Can anyone tell me what I should be expecting and if possible how to work out what the results will be with varying combinations?
Thanks guys!


----------



## MrMike (Jun 28, 2008)

Rou said:


> This is my first season breeding and have recently discovered two eggs in one of the humidity boxes in one of my vivs.
> 
> I believe these eggs are the result of my male mack snow mating with my high yellow female.
> 
> ...


50% Mack snow
50% Normal/high yellow


----------



## Rou (Dec 23, 2007)

meaning i have a 50% probability of reieving either or each will be 50-50?


----------



## MrMike (Jun 28, 2008)

Each egg has a 50% chance of hatching either Mack snow or Normal/high yellow


----------



## GazEmm (Jul 11, 2006)

A little off-topic maybe but will the mack snows from this type of breeding inherit slightly more yellow in their appearance?

I love really nice white mack snows but most these days seem to be almost 'normal' looking as they mature thanks to all the yellow that comes through :bash:

...and my next question (definately a thread hijack) is it the TUG snows that are line bred to appear whiter than your average mack snow??

Sorry Rou for stealing the thread a bit but your pairing made me think about it :whistling2:


----------



## MrMike (Jun 28, 2008)

GazEmm said:


> A little off-topic maybe but will the mack snows from this type of breeding inherit slightly more yellow in their appearance?
> 
> I love really nice white mack snows but most these days seem to be almost 'normal' looking as they mature thanks to all the yellow that comes through :bash:
> 
> ...


Yeah, actually white mack snows are hard to find (not to mention usually expensive) for that reason. As Makc snow is a codom mutation, putting to a normal will give results other than normal in the 1st year.

TUG snow is dominant to normal, but TUG have kept the line nice and white, as more get into circulation you will probably see yellower ones for sale.


----------



## Oliver Dodds (Apr 26, 2008)

I have 2 TUG mack snows woohoo 
Going to mate them to a normal male also, good luck with the breeding!


----------



## Rou (Dec 23, 2007)

dw my my question was answered.

What is TUG short for?


----------



## GazEmm (Jul 11, 2006)

Rou said:


> dw my my question was answered.
> 
> What is TUG short for?


I'm not sure to be honest, something Urban Gecko rings a bell...could be way off mind. Not sure you get many over here to be honest as every time ive seen them for sale in the classifieds they have been on import lists!!
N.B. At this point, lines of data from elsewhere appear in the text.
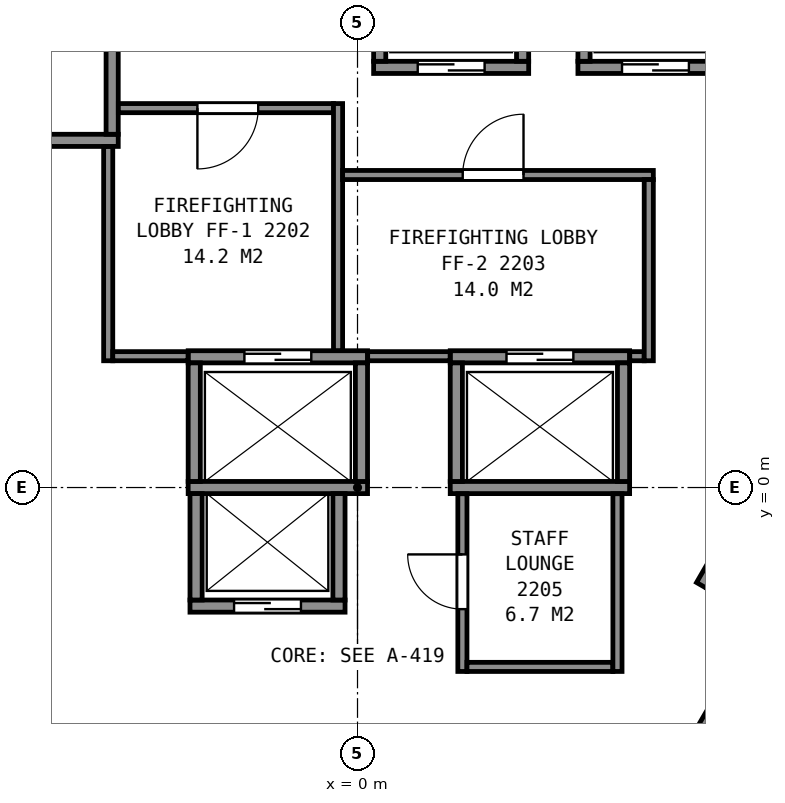
"""IFC4 building model, lengths in metres.
Left out: names, types, materials, properties, quantities, classifications, styles, units other than length and angle.
Written with IfcOpenShell. Run it as: python <this file> out.ifc"""

import sys

from ifc_helpers import new_model, si_unit, direction, frame, frame_2d, origin, place, context, subcontext, project, spatial, rectangle, extrude, element, fill, save


model = new_model("IFC4")
c1 = context("Model", 3, precision=1e-05, world=origin(), true_north=direction((0.0, 1.0)))
c2 = subcontext(c1, "Body", "Model", "MODEL_VIEW")
j1 = project(units=[si_unit("LENGTHUNIT", "METRE"), si_unit("PLANEANGLEUNIT", "RADIAN")], contexts=[c1])
p1 = place(None, origin())
s1 = spatial("IfcSite", under=j1, at=p1, CompositionType="ELEMENT")
p2 = place(p1, origin())
s2 = spatial("IfcBuilding", under=s1, at=p2, CompositionType="ELEMENT")
p3 = place(p2, frame((0.0, 0.0, 96.4)))
s3 = spatial("IfcBuildingStorey", under=s2, at=p3, CompositionType="ELEMENT", Elevation=96.4)
p4 = place(p3, frame((-2.755, -1.95, 0.0), z_axis=(0.0, 0.0, 1.0), x_axis=(1.0, 0.0, 0.0)))
e1 = element("IfcWall", 1, at=p4, inside=s3, PredefinedType="PARTITIONING", context=c2, shape_type="SweptSolid", body=[
    extrude(rectangle(XDim=2.55, YDim=0.2, at=frame_2d((1.275, 0.0))), origin(), (0.0, 0.0, 1.0), 3.6),
])
p5 = place(p4, frame((0.725, 0.0, 0.0)))
e2 = element("IfcOpeningElement", 2, at=p5, cuts=e1, PredefinedType="OPENING", context=c2, shape_type="SweptSolid", body=[
    extrude(rectangle(XDim=1.1, YDim=2.1, at=frame_2d((0.55, 1.05))), frame((0.0, 0.11, 0.0), z_axis=(0.0, -1.0, 0.0), x_axis=(1.0, 0.0, 0.0)), (0.0, 0.0, 1.0), 0.22),
])
p6 = place(p3, frame((-2.785, 0.0, 0.0), z_axis=(0.0, 0.0, 1.0), x_axis=(1.0, 0.0, 0.0)))
e3 = element("IfcWall", 3, at=p6, inside=s3, PredefinedType="PARTITIONING", context=c2, shape_type="SweptSolid", body=[
    extrude(rectangle(XDim=2.95, YDim=0.2, at=frame_2d((1.475, 0.0))), origin(), (0.0, 0.0, 1.0), 3.6),
])
p7 = place(p3, frame((1.525, 0.0, 0.0), z_axis=(0.0, 0.0, 1.0), x_axis=(1.0, 0.0, 0.0)))
e4 = element("IfcWall", 4, at=p7, inside=s3, PredefinedType="PARTITIONING", context=c2, shape_type="SweptSolid", body=[
    extrude(rectangle(XDim=2.95, YDim=0.2, at=frame_2d((1.475, 0.0))), origin(), (0.0, 0.0, 1.0), 3.6),
])
p8 = place(p3, frame((-2.785, 2.15, 0.0), z_axis=(0.0, 0.0, 1.0), x_axis=(1.0, 0.0, 0.0)))
e5 = element("IfcWall", 5, at=p8, inside=s3, PredefinedType="PARTITIONING", context=c2, shape_type="SweptSolid", body=[
    extrude(rectangle(XDim=2.95, YDim=0.2, at=frame_2d((1.475, 0.0))), origin(), (0.0, 0.0, 1.0), 3.6),
])
p9 = place(p8, frame((0.925, 0.0, 0.0)))
e6 = element("IfcOpeningElement", 6, at=p9, cuts=e5, PredefinedType="OPENING", context=c2, shape_type="SweptSolid", body=[
    extrude(rectangle(XDim=1.1, YDim=2.1, at=frame_2d((0.55, 1.05))), frame((0.0, 0.11, 0.0), z_axis=(0.0, -1.0, 0.0), x_axis=(1.0, 0.0, 0.0)), (0.0, 0.0, 1.0), 0.22),
])
p10 = place(p3, frame((1.525, 2.15, 0.0), z_axis=(0.0, 0.0, 1.0), x_axis=(1.0, 0.0, 0.0)))
e7 = element("IfcWall", 7, at=p10, inside=s3, PredefinedType="PARTITIONING", context=c2, shape_type="SweptSolid", body=[
    extrude(rectangle(XDim=2.95, YDim=0.2, at=frame_2d((1.475, 0.0))), origin(), (0.0, 0.0, 1.0), 3.6),
])
p11 = place(p10, frame((0.925, 0.0, 0.0)))
e8 = element("IfcOpeningElement", 8, at=p11, cuts=e7, PredefinedType="OPENING", context=c2, shape_type="SweptSolid", body=[
    extrude(rectangle(XDim=1.1, YDim=2.1, at=frame_2d((0.55, 1.05))), frame((0.0, 0.11, 0.0), z_axis=(0.0, -1.0, 0.0), x_axis=(1.0, 0.0, 0.0)), (0.0, 0.0, 1.0), 0.22),
])
p12 = place(p3, frame((-6.285, 5.71, 0.0), z_axis=(0.0, 0.0, 1.0), x_axis=(1.0, 0.0, 0.0)))
e9 = element("IfcWall", 9, at=p12, inside=s3, PredefinedType="PARTITIONING", context=c2, shape_type="SweptSolid", body=[
    extrude(rectangle(XDim=2.35, YDim=0.2, at=frame_2d((1.175, 0.0))), origin(), (0.0, 0.0, 1.0), 3.6),
])
p13 = place(p3, frame((0.265, 6.91, 0.0), z_axis=(0.0, 0.0, 1.0), x_axis=(1.0, 0.0, 0.0)))
e10 = element("IfcWall", 10, at=p13, inside=s3, PredefinedType="PARTITIONING", context=c2, shape_type="SweptSolid", body=[
    extrude(rectangle(XDim=2.55, YDim=0.2, at=frame_2d((1.275, 0.0))), origin(), (0.0, 0.0, 1.0), 3.6),
])
p14 = place(p13, frame((0.725, 0.0, 0.0)))
e11 = element("IfcOpeningElement", 11, at=p14, cuts=e10, PredefinedType="OPENING", context=c2, shape_type="SweptSolid", body=[
    extrude(rectangle(XDim=1.1, YDim=2.1, at=frame_2d((0.55, 1.05))), frame((0.0, 0.11, 0.0), z_axis=(0.0, -1.0, 0.0), x_axis=(1.0, 0.0, 0.0)), (0.0, 0.0, 1.0), 0.22),
])
p15 = place(p3, frame((3.625, 6.91, 0.0), z_axis=(0.0, 0.0, 1.0), x_axis=(1.0, 0.0, 0.0)))
e12 = element("IfcWall", 12, at=p15, inside=s3, PredefinedType="PARTITIONING", context=c2, shape_type="SweptSolid", body=[
    extrude(rectangle(XDim=2.55, YDim=0.2, at=frame_2d((1.275, 0.0))), origin(), (0.0, 0.0, 1.0), 3.6),
])
p16 = place(p15, frame((0.725, 0.0, 0.0)))
e13 = element("IfcOpeningElement", 13, at=p16, cuts=e12, PredefinedType="OPENING", context=c2, shape_type="SweptSolid", body=[
    extrude(rectangle(XDim=1.1, YDim=2.1, at=frame_2d((0.55, 1.05))), frame((0.0, 0.11, 0.0), z_axis=(0.0, -1.0, 0.0), x_axis=(1.0, 0.0, 0.0)), (0.0, 0.0, 1.0), 0.22),
])
p17 = place(p3, frame((5.527, -4.247, 0.0), z_axis=(0.0, 0.0, 1.0), x_axis=(0.499938297808, 0.866061024631, 0.0)))
e14 = element("IfcWall", 14, at=p17, inside=s3, PredefinedType="PARTITIONING", context=c2, shape_type="SweptSolid", body=[
    extrude(rectangle(XDim=2.35, YDim=0.2, at=frame_2d((1.175, 0.0))), origin(), (0.0, 0.0, 1.0), 3.6),
])
p18 = place(p17, frame((0.725, 0.0, 0.0)))
e15 = element("IfcOpeningElement", 15, at=p18, cuts=e14, PredefinedType="OPENING", context=c2, shape_type="SweptSolid", body=[
    extrude(rectangle(XDim=1.1, YDim=2.1, at=frame_2d((0.55, 1.05))), frame((0.0, 0.11, 0.0), z_axis=(0.0, -1.0, 0.0), x_axis=(1.0, 0.0, 0.0)), (0.0, 0.0, 1.0), 0.22),
])
p19 = place(p3, frame((5.663, -1.612, 0.0), z_axis=(0.0, 0.0, 1.0), x_axis=(0.49998122708, 0.866036242063, 0.0)))
e16 = element("IfcWall", 16, at=p19, inside=s3, PredefinedType="PARTITIONING", context=c2, shape_type="SweptSolid", body=[
    extrude(rectangle(XDim=4.9, YDim=0.2, at=frame_2d((2.45, 0.0))), origin(), (0.0, 0.0, 1.0), 3.6),
])
p20 = place(p3, frame((4.375, 0.1, 0.0), z_axis=(0.0, 0.0, 1.0), x_axis=(0.0, 1.0, 0.0)))
e17 = element("IfcWall", 17, at=p20, inside=s3, PredefinedType="PARTITIONING", context=c2, shape_type="SweptSolid", body=[
    extrude(rectangle(XDim=1.95, YDim=0.2, at=frame_2d((0.975, 0.0))), origin(), (0.0, 0.0, 1.0), 3.6),
])
for number, where, z_axis, x_axis in (
    (18, (3.725, 7.01, 0.0), (0.0, 0.0, 1.0), (0.0, 1.0, 0.0)),
    (19, (2.715, 7.01, 0.0), (0.0, 0.0, 1.0), (0.0, 1.0, 0.0)),
):
    element("IfcWall", number, at=place(p3, frame(where, z_axis=z_axis, x_axis=x_axis)), inside=s3, PredefinedType="PARTITIONING", context=c2, shape_type="SweptSolid", body=[
        extrude(rectangle(XDim=1.75, YDim=0.2, at=frame_2d((0.875, 0.0))), origin(), (0.0, 0.0, 1.0), 3.6),
    ])
p21 = place(p3, frame((1.625, 0.1, 0.0), z_axis=(0.0, 0.0, 1.0), x_axis=(0.0, 1.0, 0.0)))
e20 = element("IfcWall", 20, at=p21, inside=s3, PredefinedType="PARTITIONING", context=c2, shape_type="SweptSolid", body=[
    extrude(rectangle(XDim=1.95, YDim=0.2, at=frame_2d((0.975, 0.0))), origin(), (0.0, 0.0, 1.0), 3.6),
])
p22 = place(p3, frame((0.365, 7.01, 0.0), z_axis=(0.0, 0.0, 1.0), x_axis=(0.0, 1.0, 0.0)))
e21 = element("IfcWall", 21, at=p22, inside=s3, PredefinedType="PARTITIONING", context=c2, shape_type="SweptSolid", body=[
    extrude(rectangle(XDim=1.75, YDim=0.2, at=frame_2d((0.875, 0.0))), origin(), (0.0, 0.0, 1.0), 3.6),
])
p23 = place(p3, frame((0.065, 0.1, 0.0), z_axis=(0.0, 0.0, 1.0), x_axis=(0.0, 1.0, 0.0)))
e22 = element("IfcWall", 22, at=p23, inside=s3, PredefinedType="PARTITIONING", context=c2, shape_type="SweptSolid", body=[
    extrude(rectangle(XDim=1.95, YDim=0.2, at=frame_2d((0.975, 0.0))), origin(), (0.0, 0.0, 1.0), 3.6),
])
for number, where, z_axis, x_axis in (
    (23, (-0.305, -1.85, 0.0), (0.0, 0.0, 1.0), (0.0, 1.0, 0.0)),
    (24, (-2.655, -1.85, 0.0), (0.0, 0.0, 1.0), (0.0, 1.0, 0.0)),
):
    element("IfcWall", number, at=place(p3, frame(where, z_axis=z_axis, x_axis=x_axis)), inside=s3, PredefinedType="PARTITIONING", context=c2, shape_type="SweptSolid", body=[
        extrude(rectangle(XDim=1.75, YDim=0.2, at=frame_2d((0.875, 0.0))), origin(), (0.0, 0.0, 1.0), 3.6),
    ])
p24 = place(p3, frame((-2.685, 0.1, 0.0), z_axis=(0.0, 0.0, 1.0), x_axis=(0.0, 1.0, 0.0)))
e25 = element("IfcWall", 25, at=p24, inside=s3, PredefinedType="PARTITIONING", context=c2, shape_type="SweptSolid", body=[
    extrude(rectangle(XDim=1.95, YDim=0.2, at=frame_2d((0.975, 0.0))), origin(), (0.0, 0.0, 1.0), 3.6),
])
p25 = place(p3, frame((-4.035, 5.81, 0.0), z_axis=(0.0, 0.0, 1.0), x_axis=(0.0, 1.0, 0.0)))
e26 = element("IfcWall", 26, at=p25, inside=s3, PredefinedType="PARTITIONING", context=c2, shape_type="SweptSolid", body=[
    extrude(rectangle(XDim=1.75, YDim=0.2, at=frame_2d((0.875, 0.0))), origin(), (0.0, 0.0, 1.0), 3.6),
])
p26 = place(p3, frame((-13.664, 5.946, 0.0), z_axis=(0.0, 0.0, 1.0), x_axis=(0.499994327219, -0.866028678941, 0.0)))
e27 = element("IfcWall", 27, at=p26, inside=s3, PredefinedType="PARTITIONING", context=c2, shape_type="SweptSolid", body=[
    extrude(rectangle(XDim=23.968, YDim=0.2, at=frame_2d((11.984, 0.0))), origin(), (0.0, 0.0, 1.0), 3.35),
])
p27 = place(p3, frame((-4.278, -5.512, 0.0), z_axis=(0.0, 0.0, 1.0), x_axis=(-0.499933120428, 0.86606401328, 0.0)))
e28 = element("IfcWall", 28, at=p27, inside=s3, PredefinedType="PARTITIONING", context=c2, shape_type="SweptSolid", body=[
    extrude(rectangle(XDim=3.377, YDim=0.15, at=frame_2d((1.689, 0.0))), origin(), (0.0, 0.0, 1.0), 3.35),
])
p28 = place(p27, frame((2.177, 0.0, 0.0)))
e29 = element("IfcOpeningElement", 29, at=p28, cuts=e28, PredefinedType="OPENING", context=c2, shape_type="SweptSolid", body=[
    extrude(rectangle(XDim=0.9, YDim=2.1, at=frame_2d((0.45, 1.05))), frame((0.0, 0.085, 0.0), z_axis=(0.0, -1.0, 0.0), x_axis=(1.0, 0.0, 0.0)), (0.0, 0.0, 1.0), 0.17),
])
p29 = place(p27, frame((0.525, 0.0, 0.0)))
e30 = element("IfcOpeningElement", 30, at=p29, cuts=e28, PredefinedType="OPENING", context=c2, shape_type="SweptSolid", body=[
    extrude(rectangle(XDim=0.9, YDim=2.1, at=frame_2d((0.45, 1.05))), frame((0.0, 0.085, 0.0), z_axis=(0.0, -1.0, 0.0), x_axis=(1.0, 0.0, 0.0)), (0.0, 0.0, 1.0), 0.17),
])
p30 = place(p3, frame((-4.1, 2.085, 0.0), z_axis=(0.0, 0.0, 1.0), x_axis=(0.0, 1.0, 0.0)))
e31 = element("IfcWall", 31, at=p30, inside=s3, PredefinedType="PARTITIONING", context=c2, shape_type="SweptSolid", body=[
    extrude(rectangle(XDim=3.523, YDim=0.15, at=frame_2d((1.761, 0.0))), origin(), (0.0, 0.0, 1.0), 3.35),
])
p31 = place(p3, frame((-4.025, 2.16, 0.0), z_axis=(0.0, 0.0, 1.0), x_axis=(1.0, 0.0, 0.0)))
e32 = element("IfcWall", 32, at=p31, inside=s3, PredefinedType="PARTITIONING", context=c2, shape_type="SweptSolid", body=[
    extrude(rectangle(XDim=1.238, YDim=0.15, at=frame_2d((0.619, 0.0))), origin(), (0.0, 0.0, 1.0), 3.35),
])
p32 = place(p3, frame((-3.933, 6.24, 0.0), z_axis=(0.0, 0.0, 1.0), x_axis=(1.0, 0.0, 0.0)))
e33 = element("IfcWall", 33, at=p32, inside=s3, PredefinedType="PARTITIONING", context=c2, shape_type="SweptSolid", body=[
    extrude(rectangle(XDim=3.538, YDim=0.15, at=frame_2d((1.769, 0.0))), origin(), (0.0, 0.0, 1.0), 3.35),
])
p33 = place(p32, frame((1.3, 0.0, 0.0)))
e34 = element("IfcOpeningElement", 34, at=p33, cuts=e33, PredefinedType="OPENING", context=c2, shape_type="SweptSolid", body=[
    extrude(rectangle(XDim=1.0, YDim=2.1, at=frame_2d((0.5, 1.05))), frame((0.0, 0.085, 0.0), z_axis=(0.0, -1.0, 0.0), x_axis=(1.0, 0.0, 0.0)), (0.0, 0.0, 1.0), 0.17),
])
p34 = place(p3, frame((-0.32, 2.252, 0.0), z_axis=(0.0, 0.0, 1.0), x_axis=(0.0, 1.0, 0.0)))
e35 = element("IfcWall", 35, at=p34, inside=s3, PredefinedType="PARTITIONING", context=c2, shape_type="SweptSolid", body=[
    extrude(rectangle(XDim=4.063, YDim=0.15, at=frame_2d((2.031, 0.0))), origin(), (0.0, 0.0, 1.0), 3.35),
])
p35 = place(p3, frame((-0.245, 5.14, 0.0), z_axis=(0.0, 0.0, 1.0), x_axis=(1.0, 0.0, 0.0)))
e36 = element("IfcWall", 36, at=p35, inside=s3, PredefinedType="PARTITIONING", context=c2, shape_type="SweptSolid", body=[
    extrude(rectangle(XDim=5.11, YDim=0.15, at=frame_2d((2.555, 0.0))), origin(), (0.0, 0.0, 1.0), 3.35),
])
p36 = place(p35, frame((1.975, 0.0, 0.0)))
e37 = element("IfcOpeningElement", 37, at=p36, cuts=e36, PredefinedType="OPENING", context=c2, shape_type="SweptSolid", body=[
    extrude(rectangle(XDim=1.0, YDim=2.1, at=frame_2d((0.5, 1.05))), frame((0.0, 0.085, 0.0), z_axis=(0.0, -1.0, 0.0), x_axis=(1.0, 0.0, 0.0)), (0.0, 0.0, 1.0), 0.17),
])
p37 = place(p3, frame((0.167, 2.16, 0.0), z_axis=(0.0, 0.0, 1.0), x_axis=(1.0, 0.0, 0.0)))
e38 = element("IfcWall", 38, at=p37, inside=s3, PredefinedType="PARTITIONING", context=c2, shape_type="SweptSolid", body=[
    extrude(rectangle(XDim=1.356, YDim=0.15, at=frame_2d((0.678, 0.0))), origin(), (0.0, 0.0, 1.0), 3.35),
])
p38 = place(p3, frame((1.725, -0.102, 0.0), z_axis=(0.0, 0.0, 1.0), x_axis=(0.0, -1.0, 0.0)))
e39 = element("IfcWall", 39, at=p38, inside=s3, PredefinedType="PARTITIONING", context=c2, shape_type="SweptSolid", body=[
    extrude(rectangle(XDim=2.923, YDim=0.15, at=frame_2d((1.461, 0.0))), origin(), (0.0, 0.0, 1.0), 3.35),
])
p39 = place(p38, frame((0.998, 0.0, 0.0)))
e40 = element("IfcOpeningElement", 40, at=p39, cuts=e39, PredefinedType="OPENING", context=c2, shape_type="SweptSolid", body=[
    extrude(rectangle(XDim=0.9, YDim=2.1, at=frame_2d((0.45, 1.05))), frame((0.0, 0.085, 0.0), z_axis=(0.0, -1.0, 0.0), x_axis=(1.0, 0.0, 0.0)), (0.0, 0.0, 1.0), 0.17),
])
p40 = place(p3, frame((1.8, -2.95, 0.0), z_axis=(0.0, 0.0, 1.0), x_axis=(1.0, 0.0, 0.0)))
e41 = element("IfcWall", 41, at=p40, inside=s3, PredefinedType="PARTITIONING", context=c2, shape_type="SweptSolid", body=[
    extrude(rectangle(XDim=2.4, YDim=0.15, at=frame_2d((1.2, 0.0))), origin(), (0.0, 0.0, 1.0), 3.35),
])
p41 = place(p3, frame((4.275, -3.025, 0.0), z_axis=(0.0, 0.0, 1.0), x_axis=(0.0, 1.0, 0.0)))
e42 = element("IfcWall", 42, at=p41, inside=s3, PredefinedType="PARTITIONING", context=c2, shape_type="SweptSolid", body=[
    extrude(rectangle(XDim=2.923, YDim=0.15, at=frame_2d((1.461, 0.0))), origin(), (0.0, 0.0, 1.0), 3.35),
])
p42 = place(p3, frame((4.477, 2.16, 0.0), z_axis=(0.0, 0.0, 1.0), x_axis=(1.0, 0.0, 0.0)))
e43 = element("IfcWall", 43, at=p42, inside=s3, PredefinedType="PARTITIONING", context=c2, shape_type="SweptSolid", body=[
    extrude(rectangle(XDim=0.238, YDim=0.15, at=frame_2d((0.119, 0.0))), origin(), (0.0, 0.0, 1.0), 3.35),
])
p43 = place(p3, frame((4.79, 2.085, 0.0), z_axis=(0.0, 0.0, 1.0), x_axis=(0.0, 1.0, 0.0)))
e44 = element("IfcWall", 44, at=p43, inside=s3, PredefinedType="PARTITIONING", context=c2, shape_type="SweptSolid", body=[
    extrude(rectangle(XDim=2.98, YDim=0.15, at=frame_2d((1.49, 0.0))), origin(), (0.0, 0.0, 1.0), 3.35),
])
p44 = place(p14, origin())
e45 = element("IfcDoor", 45, at=p44, inside=s3, OperationType="SLIDING_TO_LEFT", PredefinedType="DOOR", context=c2, shape_type="SweptSolid", body=[
    extrude(rectangle(XDim=1.1, YDim=2.1, at=frame_2d((0.55, 1.05))), frame((0.0, 0.025, 0.0), z_axis=(0.0, -1.0, 0.0), x_axis=(1.0, 0.0, 0.0)), (0.0, 0.0, 1.0), 0.05),
])
fill(e11, e45)
p45 = place(p5, origin())
e46 = element("IfcDoor", 46, at=p45, inside=s3, OperationType="SLIDING_TO_RIGHT", PredefinedType="DOOR", context=c2, shape_type="SweptSolid", body=[
    extrude(rectangle(XDim=1.1, YDim=2.1, at=frame_2d((0.55, 1.05))), frame((0.0, 0.025, 0.0), z_axis=(0.0, -1.0, 0.0), x_axis=(1.0, 0.0, 0.0)), (0.0, 0.0, 1.0), 0.05),
])
fill(e2, e46)
p46 = place(p16, origin())
e47 = element("IfcDoor", 47, at=p46, inside=s3, OperationType="SLIDING_TO_LEFT", PredefinedType="DOOR", context=c2, shape_type="SweptSolid", body=[
    extrude(rectangle(XDim=1.1, YDim=2.1, at=frame_2d((0.55, 1.05))), frame((0.0, 0.025, 0.0), z_axis=(0.0, -1.0, 0.0), x_axis=(1.0, 0.0, 0.0)), (0.0, 0.0, 1.0), 0.05),
])
fill(e13, e47)
p47 = place(p9, origin())
e48 = element("IfcDoor", 48, at=p47, inside=s3, OperationType="SLIDING_TO_LEFT", PredefinedType="DOOR", context=c2, shape_type="SweptSolid", body=[
    extrude(rectangle(XDim=1.1, YDim=2.1, at=frame_2d((0.55, 1.05))), frame((0.0, 0.025, 0.0), z_axis=(0.0, -1.0, 0.0), x_axis=(1.0, 0.0, 0.0)), (0.0, 0.0, 1.0), 0.05),
])
fill(e6, e48)
p48 = place(p11, origin())
e49 = element("IfcDoor", 49, at=p48, inside=s3, OperationType="SLIDING_TO_RIGHT", PredefinedType="DOOR", context=c2, shape_type="SweptSolid", body=[
    extrude(rectangle(XDim=1.1, YDim=2.1, at=frame_2d((0.55, 1.05))), frame((0.0, 0.025, 0.0), z_axis=(0.0, -1.0, 0.0), x_axis=(1.0, 0.0, 0.0)), (0.0, 0.0, 1.0), 0.05),
])
fill(e8, e49)
p49 = place(p33, origin())
e50 = element("IfcDoor", 50, at=p49, inside=s3, OperationType="SINGLE_SWING_LEFT", PredefinedType="DOOR", context=c2, shape_type="SweptSolid", body=[
    extrude(rectangle(XDim=1.0, YDim=2.1, at=frame_2d((0.5, 1.05))), frame((0.0, 0.025, 0.0), z_axis=(0.0, -1.0, 0.0), x_axis=(1.0, 0.0, 0.0)), (0.0, 0.0, 1.0), 0.05),
])
fill(e34, e50)
p50 = place(p36, origin())
e51 = element("IfcDoor", 51, at=p50, inside=s3, OperationType="SINGLE_SWING_RIGHT", PredefinedType="DOOR", context=c2, shape_type="SweptSolid", body=[
    extrude(rectangle(XDim=1.0, YDim=2.1, at=frame_2d((0.5, 1.05))), frame((0.0, 0.025, 0.0), z_axis=(0.0, -1.0, 0.0), x_axis=(1.0, 0.0, 0.0)), (0.0, 0.0, 1.0), 0.05),
])
fill(e37, e51)
p51 = place(p39, origin())
e52 = element("IfcDoor", 52, at=p51, inside=s3, OperationType="SINGLE_SWING_LEFT", PredefinedType="DOOR", context=c2, shape_type="SweptSolid", body=[
    extrude(rectangle(XDim=0.9, YDim=2.1, at=frame_2d((0.45, 1.05))), frame((0.0, 0.025, 0.0), z_axis=(0.0, -1.0, 0.0), x_axis=(1.0, 0.0, 0.0)), (0.0, 0.0, 1.0), 0.05),
])
fill(e40, e52)
save(model, sys.argv[1])

Something i wouldnt mind having a couple of in my collection though :whistling2:


----------



## MrMike (Jun 28, 2008)

Rou said:


> dw my my question was answered.
> 
> What is TUG short for?


The Urban Gecko, they have some stunning Leos imo, check them out

The Urban Gecko


----------



## GazEmm (Jul 11, 2006)

Is there a UK distributor for these Mike?


----------



## MrMike (Jun 28, 2008)

For TUG? I know Sam12345 on here has just had a shipment arrive today from TUG, unsure if he is doing anymore though, drop him a pm. My personal favourites are the Tangerine tornadoes.... truly beautiful.


----------



## GazEmm (Jul 11, 2006)

Cheers Mike, you're a star.

I just had a looky on their site and could spend a fortune with them...some real crackers on there!!


----------



## SleepyD (Feb 13, 2008)

MrMike said:


> as more get into circulation you will probably see yellower ones for sale.


the amount of yellow appearing is a shame and as others have said a lot of mack snows now show hardly any difference to 'normals' once they're adults


----------



## MrMike (Jun 28, 2008)

GazEmm said:


> Cheers Mike, you're a star.
> 
> I just had a looky on their site and could spend a fortune with them...some real crackers on there!!


Yeah, I had to hold myself back from spending our savings on some breeders bundles lol.



SleepyD said:


> the amount of yellow appearing is a shame and as others have said a lot of mack snows now show hardly any difference to 'normals' once they're adults


Yeah, I have seen some "High white" mack snows on American sites :flrt: Never see any here though


----------



## GazEmm (Jul 11, 2006)

How many generations of selective breeding would you imagine it would take then to start seeing some whiter macks?

I'm guessing its taken a while to get the yellow in there so guessing it could take a while to get it back out!!


----------



## MrMike (Jun 28, 2008)

No idea tbh, best bet is to get the 2 palest macks you can, breed, hold back the palest then just hope lol


----------



## SleepyD (Feb 13, 2008)

GazEmm said:


> I'm guessing its taken a while to get the yellow in there so guessing it could take a while to get it back out!!


from what I've seen it doesn't take long for the yellow to appear especially with the amount of MS x normals


MrMike said:


> No idea tbh, best bet is to get the 2 palest macks you can, breed, hold back the palest then just hope lol


and that's what I'm aiming to start doing next year (2010) when the MS's I got last year are big/old enough ~ got some nice WT silver/grey and blacks holdbacks from 2007/'08 to go with them


----------



## MrMike (Jun 28, 2008)

SleepyD said:


> from what I've seen it doesn't take long for the yellow to appear especially with the amount of MS x normals
> 
> and that's what I'm aiming to start doing next year (2010) when the MS's I got last year are big/old enough ~ got some nice WT silver/grey and blacks holdbacks from 2007/'08 to go with them


Be interested to see the results, we have a very pale mack snow bell albino female, who is going with a supersnow male this year. Unfortunately we don't know his parentage, fingers crossed for a pale heritage!!


----------



## Rou (Dec 23, 2007)

Your right they are all very nice. 
My bf turns around and says when we were looking at the tangerine tornados, 'get one of those now' lol...
like 4 isn't enough for now.


----------